Rúben Dias voltou a perder a bola, desta vez tombado na direita, e Taison e Junior Moraes combinaram para assistir Kovalenko, que apareceu de trás e surpreendeu a defesa encarnada com um remate de primeira que não deu hipótese a Vlachodimos (72′). Até ao final, Bruno Lage ainda lançou Rafa e Samaris, o Benfica teve alguma posse de bola nos derradeiros instantes mas acabou por nunca chegar perto do empate, passando até os últimos segundos já à espera do fim do jogo para não arriscar sofrer o terceiro golo.

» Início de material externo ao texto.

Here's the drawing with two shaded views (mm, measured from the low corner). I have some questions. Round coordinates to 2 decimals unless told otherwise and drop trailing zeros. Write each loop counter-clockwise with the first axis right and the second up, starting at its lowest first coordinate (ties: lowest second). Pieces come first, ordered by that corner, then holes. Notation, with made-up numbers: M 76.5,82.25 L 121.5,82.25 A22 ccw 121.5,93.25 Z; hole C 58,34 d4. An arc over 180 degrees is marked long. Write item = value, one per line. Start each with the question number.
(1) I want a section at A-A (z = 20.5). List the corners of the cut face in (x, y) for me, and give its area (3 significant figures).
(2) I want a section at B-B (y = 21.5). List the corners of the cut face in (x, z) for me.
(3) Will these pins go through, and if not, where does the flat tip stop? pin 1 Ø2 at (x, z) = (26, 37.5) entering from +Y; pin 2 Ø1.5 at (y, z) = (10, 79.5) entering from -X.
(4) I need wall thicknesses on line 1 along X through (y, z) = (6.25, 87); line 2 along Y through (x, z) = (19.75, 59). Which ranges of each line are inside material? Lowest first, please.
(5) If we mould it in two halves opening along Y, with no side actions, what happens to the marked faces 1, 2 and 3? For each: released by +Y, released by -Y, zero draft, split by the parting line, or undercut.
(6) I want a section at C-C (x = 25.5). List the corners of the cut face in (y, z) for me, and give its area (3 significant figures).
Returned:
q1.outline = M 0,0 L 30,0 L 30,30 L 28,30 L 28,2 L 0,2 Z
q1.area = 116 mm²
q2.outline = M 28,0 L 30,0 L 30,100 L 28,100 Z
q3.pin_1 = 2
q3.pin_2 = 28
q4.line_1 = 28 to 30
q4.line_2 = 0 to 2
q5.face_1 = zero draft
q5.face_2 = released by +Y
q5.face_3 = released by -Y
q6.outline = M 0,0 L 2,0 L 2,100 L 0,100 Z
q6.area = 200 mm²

O Benfica soma o quarto jogo seguido sem ganhar para todas as competições, sendo que três desses resultados são derrotas, e parte em desvantagem para a segunda mão dos 16 avos da Liga Europa, ainda que o golo marcado fora deixe tudo em aberto para a conclusão da eliminatória na Luz. Resultado à parte, a verdade é que os encarnados voltaram a protagonizar uma exibição muito abaixo do exigido, com muitas perdas de bola, diversos erros de transição e uma defesa desconcentrada, pouco entrosada e sem agressividade. Depois de várias semanas em que se falou da mau momento de forma de Ferro — e sem que o jovem central tenha estado bem na Ucrânia –, esta quinta-feira foi Rúben Dias, em especial, que deixou muito a desejar na respetiva exibição, desde os erros na construção à perda de bola que originou o segundo golo. E Odysseas Vlachodimos, que voltou a estar em grande destaque e é cada vez mais o elemento mais importante do Benfica, merecia algo mais.